According to leading epidemiologist Dr. Shanna Swan (Icahn School of Medicine at Mount Sinai, Department of Environmental Medicine and Public Health) penises are shrinking — and climate change is to blame. In fact, a host of reproductive problems in both sexes, from erectile dysfunction to infertility, are being spurred by pollution. Chemicals, particularly phthalates, are contributing to our progenitive woes. The issue has become so stark that in some countries, Swan writes, the average 20-something is less fertile than her grandmother was at 35.
Lucky for the Clown, he was born in the late 1800’s, thus avoiding the “penis shrinking” phthalates (pronounced “fpssthsstalattes”) so common today in our toys, cosmetics, detergents, packaging and dildos (irony alert!). The Clown is not gloating, exactly, but instead is gloating specifically.

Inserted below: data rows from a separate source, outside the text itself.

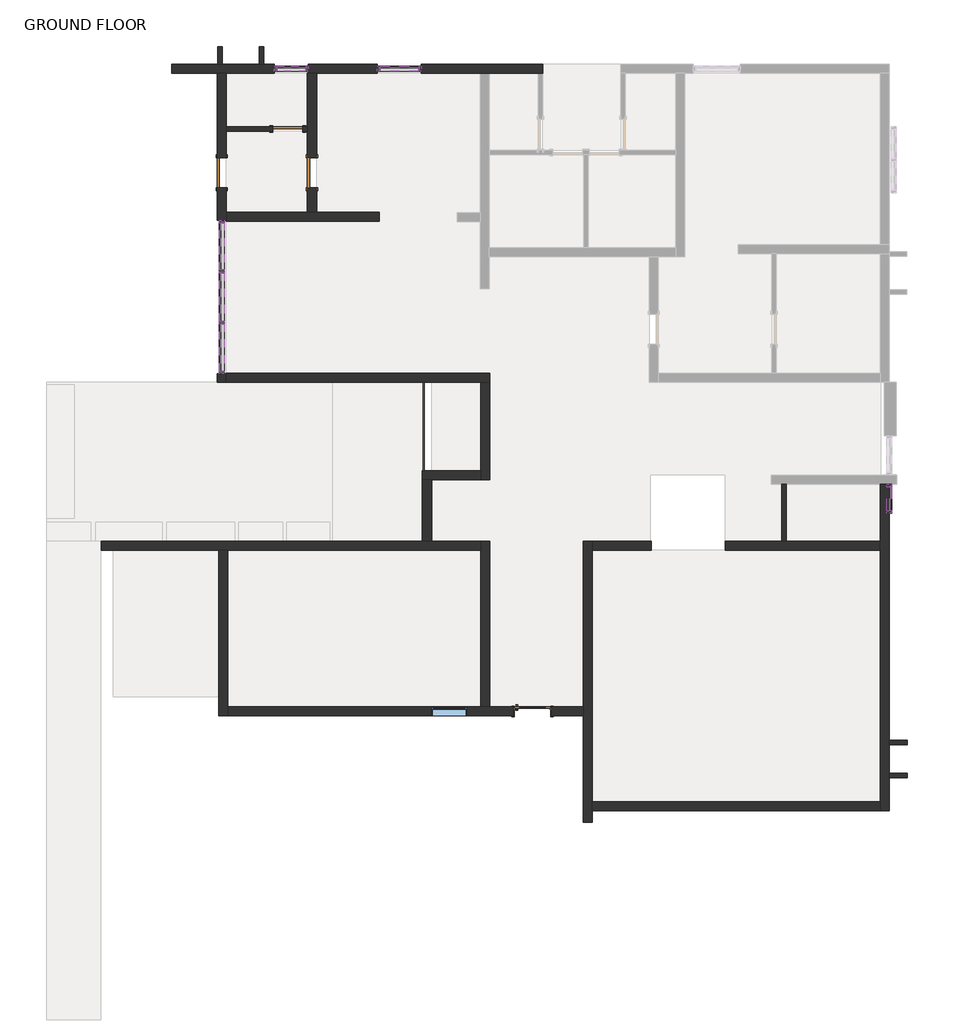
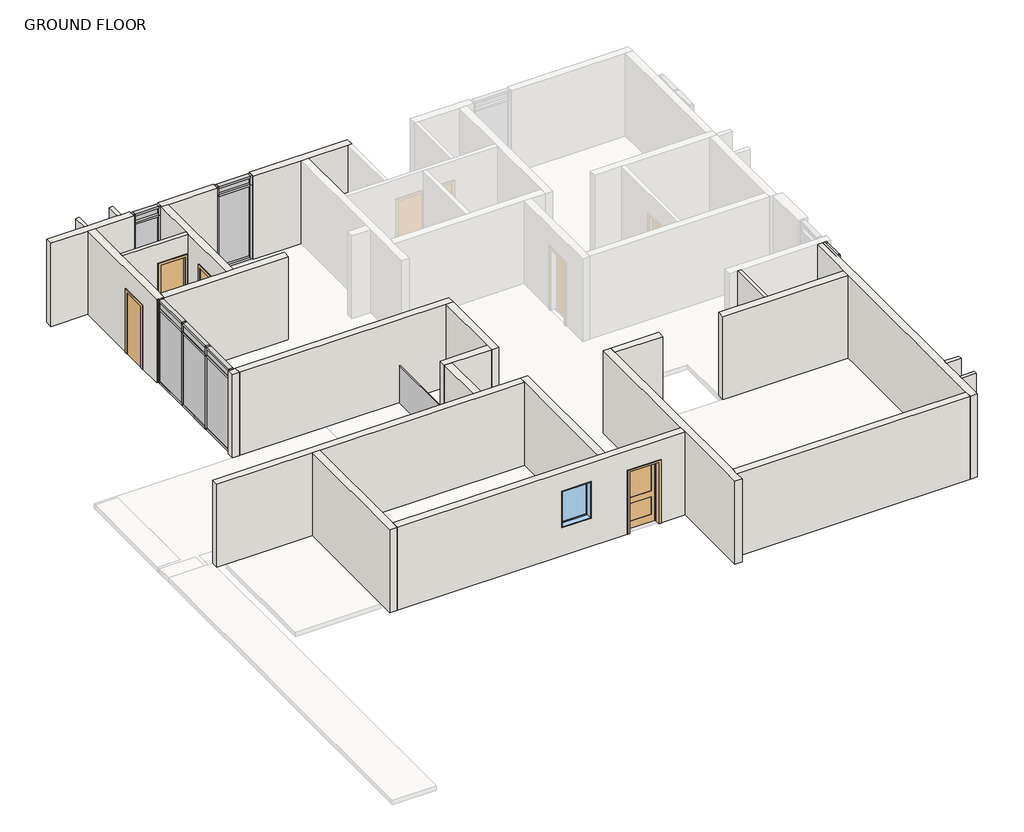
# One storey, part 1 of 2: 38 members, 23 walls, 13 plates, 4 doors, 1 window.
"""IFC4 building model written with IfcOpenShell, lengths in millimetres."""

from ifc_helpers import new_model, si_unit, frame, origin, place, context, project, spatial, polyline, outline, extrude, faceted_brep, transform, mapped, element, save
from components import door_18b56f29, door_f2b275c1, door_85036156, member_3e1bda4a, member_b6df92ca, member_34ede31c, member_a972b4dd, member_f0fea5a5, member_75d1e245, member_ee409385, member_3c3dc66a, member_8f63b531, member_3b0b2d0d, member_d7af48b5, member_8ca7f02a, member_47bfaf8a, member_6e77e263, system_panel_glazed_33731b62, system_panel_glazed_44b51bf5, system_panel_glazed_4e629a68, system_panel_glazed_8059ee36, system_panel_glazed_a992b757, system_panel_glazed_7419534f, system_panel_glazed_091cc013, system_panel_glazed_6c905176, system_panel_glazed_bc4b8a1a, system_panel_glazed_9fd37d83, system_panel_glazed_bf88fd99, window_c1f32544

model = new_model("IFC4")

# Units and contexts
model_context = context("Model", 3, world=origin())
ifc_project = project(units=[si_unit("LENGTHUNIT", "METRE", prefix="MILLI")], contexts=[model_context])

# Site, building, storey
site = spatial("IfcSite", under=ifc_project)
building = spatial("IfcBuilding", under=site)
storey = spatial("IfcBuildingStorey", under=building, Name="GROUND FLOOR", Elevation=304.8)

# Doors
placement = place(None, origin())
door_shape = door_18b56f29(model_context)
element("IfcDoor", 1, ObjectType="Door-Interior-Single-2_Panel-Wood : 36\" x 80\"", at=placement, inside=storey, context=model_context, shape_type="MappedRepresentation", body=[
    mapped(door_shape, transform((2388.7237558, 174.0966143, 304.8), x_axis=(1.0, 0.0, 0.0), y_axis=(0.0, 1.0, 0.0), z_axis=(0.0, 0.0, 1.0))),
])
door_2_shape = door_f2b275c1(model_context)
element("IfcDoor", 2, ObjectType="Single-Flush : 30\" x 80\"", at=placement, inside=storey, context=model_context, shape_type="MappedRepresentation", body=[
    mapped(door_2_shape, transform((-3801.944009, 14911.54348, 304.8), x_axis=(-1.0, 0.0, 0.0), y_axis=(0.0, -1.0, 0.0), z_axis=(0.0, 0.0, 1.0))),
])
door_3_shape = door_85036156(model_context)
element("IfcDoor", 3, ObjectType="Single-Flush : 30\" x 80\"", at=placement, inside=storey, context=model_context, shape_type="MappedRepresentation", body=[
    mapped(door_3_shape, transform((-3192.344009, 13803.0266219, 304.8), x_axis=(0.0, -1.0, 0.0), y_axis=(1.0, 0.0, 0.0), z_axis=(0.0, 0.0, 1.0))),
])
element("IfcDoor", 4, ObjectType="Single-Flush : 30\" x 80\"", at=placement, inside=storey, context=model_context, shape_type="MappedRepresentation", body=[
    mapped(door_3_shape, transform((-5478.344009, 13803.0266219, 304.8), x_axis=(0.0, -1.0, 0.0), y_axis=(1.0, 0.0, 0.0), z_axis=(0.0, 0.0, 1.0))),
])

# Members
member_shape = member_3e1bda4a(model_context)
element("IfcMember", 5, ObjectType="Rectangular Mullion : 2.5\" x 5\" rectangular", at=placement, inside=storey, context=model_context, shape_type="MappedRepresentation", body=[
    mapped(member_shape, transform((-5478.344009, 12544.7356247, 3048.0), x_axis=(0.0, 0.0, 1.0), y_axis=(1.0, 0.0, 0.0), z_axis=(0.0, 1.0, 0.0))),
])
element("IfcMember", 6, ObjectType="Rectangular Mullion : 2.5\" x 5\" rectangular", at=placement, inside=storey, context=model_context, shape_type="MappedRepresentation", body=[
    mapped(member_shape, transform((-5478.344009, 9985.6856249, 3048.0), x_axis=(0.0, 0.0, 1.0), y_axis=(1.0, 0.0, 0.0), z_axis=(0.0, 1.0, 0.0))),
])
member_2_shape = member_b6df92ca(model_context)
element("IfcMember", 7, ObjectType="Rectangular Mullion : 2.5\" x 5\" rectangular", at=placement, inside=storey, context=model_context, shape_type="MappedRepresentation", body=[
    mapped(member_2_shape, transform((-5478.344009, 11281.0856246, 3048.0), x_axis=(0.0, 0.0, 1.0), y_axis=(1.0, 0.0, 0.0), z_axis=(0.0, 1.0, 0.0))),
])
element("IfcMember", 8, ObjectType="Rectangular Mullion : 2.5\" x 5\" rectangular", at=placement, inside=storey, context=model_context, shape_type="MappedRepresentation", body=[
    mapped(member_shape, transform((-5478.344009, 8785.5356247, 304.8), x_axis=(0.0, 0.0, -1.0), y_axis=(1.0, 0.0, 0.0), z_axis=(0.0, -1.0, 0.0))),
])
element("IfcMember", 9, ObjectType="Rectangular Mullion : 2.5\" x 5\" rectangular", at=placement, inside=storey, context=model_context, shape_type="MappedRepresentation", body=[
    mapped(member_shape, transform((-5478.344009, 11344.5856246, 304.8), x_axis=(0.0, 0.0, -1.0), y_axis=(1.0, 0.0, 0.0), z_axis=(0.0, -1.0, 0.0))),
])
element("IfcMember", 10, ObjectType="Rectangular Mullion : 2.5\" x 5\" rectangular", at=placement, inside=storey, context=model_context, shape_type="MappedRepresentation", body=[
    mapped(member_2_shape, transform((-5478.344009, 10049.1856249, 304.8), x_axis=(0.0, 0.0, -1.0), y_axis=(1.0, 0.0, 0.0), z_axis=(0.0, -1.0, 0.0))),
])
member_3_shape = member_34ede31c(model_context)
element("IfcMember", 11, ObjectType="Rectangular Mullion : 2.5\" x 5\" rectangular", at=placement, inside=storey, context=model_context, shape_type="MappedRepresentation", body=[
    mapped(member_3_shape, transform((-5478.344009, 9985.6856249, 2743.2), x_axis=(0.0, 0.0, 1.0), y_axis=(1.0, 0.0, 0.0), z_axis=(0.0, 1.0, 0.0))),
])
element("IfcMember", 12, ObjectType="Rectangular Mullion : 2.5\" x 5\" rectangular", at=placement, inside=storey, context=model_context, shape_type="MappedRepresentation", body=[
    mapped(member_3_shape, transform((-5478.344009, 12544.7356247, 2743.2), x_axis=(0.0, 0.0, 1.0), y_axis=(1.0, 0.0, 0.0), z_axis=(0.0, 1.0, 0.0))),
])
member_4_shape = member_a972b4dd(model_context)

Those who deny that climate change is real, or that it isn’t mostly caused by the parasites referred to as humans and by carbon emissions caused by the manufacture of dildos and other toys, should take this latest news with some degree of alarm. If size matters, then for every male born after 1980, the fact that his member doesn’t seem to measure up in the locker room with the members of the older members of the club, this is no illusion. It’s likely the reason that these younger men are compensating by driving enormous SUVs that pollute at extraordinary levels and whose upholstery is chock-a-block full of phthalates. Their children, with even greater small penis problems, will not be happy.
To be fair, what global warming has to do with phthalates is not made clear in Dr. Swan’s statement. The Clown, however, never one to ignore a juicy blog topic, isn’t searching for the exact answer for fear that the connection will be less than compelling.
As the infomercial announcers say, “But, wait, there’s more.”
Sperm counts are dropping as well. As a trend, the role of men in human endeavors is, apparently, slowly disappearing and none too soon, according to the more strident feminists.
While the bleaching and death of coral reefs, rising seas, significantly more dangerous storms, the demise of plankton, shrinking habitats for polar bears and desertification of once lush farm land haven’t caused leaders the world (mostly men) to take immediate climate change action, shrinking penis size will likely do the trick. It would seem to be the one climate change result that will concentrate one’s attention, assuming that one is male.
On the upside, shrinking penises will make the aforementioned erectile dysfunction less of a big deal, given that, at a certain point, the the difference in size of the erect versus the flaccid penis will be imperceptible. And too, by the time such comparisons are moot, decades from present, female scientists will have perfected sperm in a test tube that can be sold directly to those women wishing to have children. They could package the manufactured semen in disposable dildo-shaped squirt bottles just for old-time’s sake when young fecund women had to date numerous jerks before deciding on one with whom to create babies. The only reason to keep a man around in that future is to parallel park the family van.
Now, before all of my male readers rush out and murderously descend on manufacturers who use phthalates in their products, you should know that the Clown has discovered a counter-measure, extracted from a rare Brazilian jungle plant called pctzequatl (pronounced “pct-zeq-uant-l). This extract, squeezed from the roots of the plant by native Indians from the Zyqunthphymi (pronounced sy-qun-th-ph-yummi) tribe who, for centuries, have used the extract to induce penis growth in tapiers, a favorite food source and whose penises are considered a delicacy.
The Clown, using his extraordinary biochemistry skills, a working knowledge of the global supply chain and a brilliant marketing talent is creating an over-the-counter version of the extract that will soon be available via the Internet. The price, yet to be determined, will be based on demand and the Clown predicts that it will be quite dear. As with any new product, the marketing department is testing various brand names for efficacy. The current front runners include: Long Wong Silver, Phthalates-ex, Wee-No-More and Zepupruditaq.
Watch this space for announcements regarding availability.
Observoid of the Day: The absurd rumor that Biden will restrict red meat consumption to four pounds per person per year, sent large numbers of panicked republicans to buy 16 Quarter Pounders to stock their freezers.
Whew! Dodged that bullet by…three decades or so.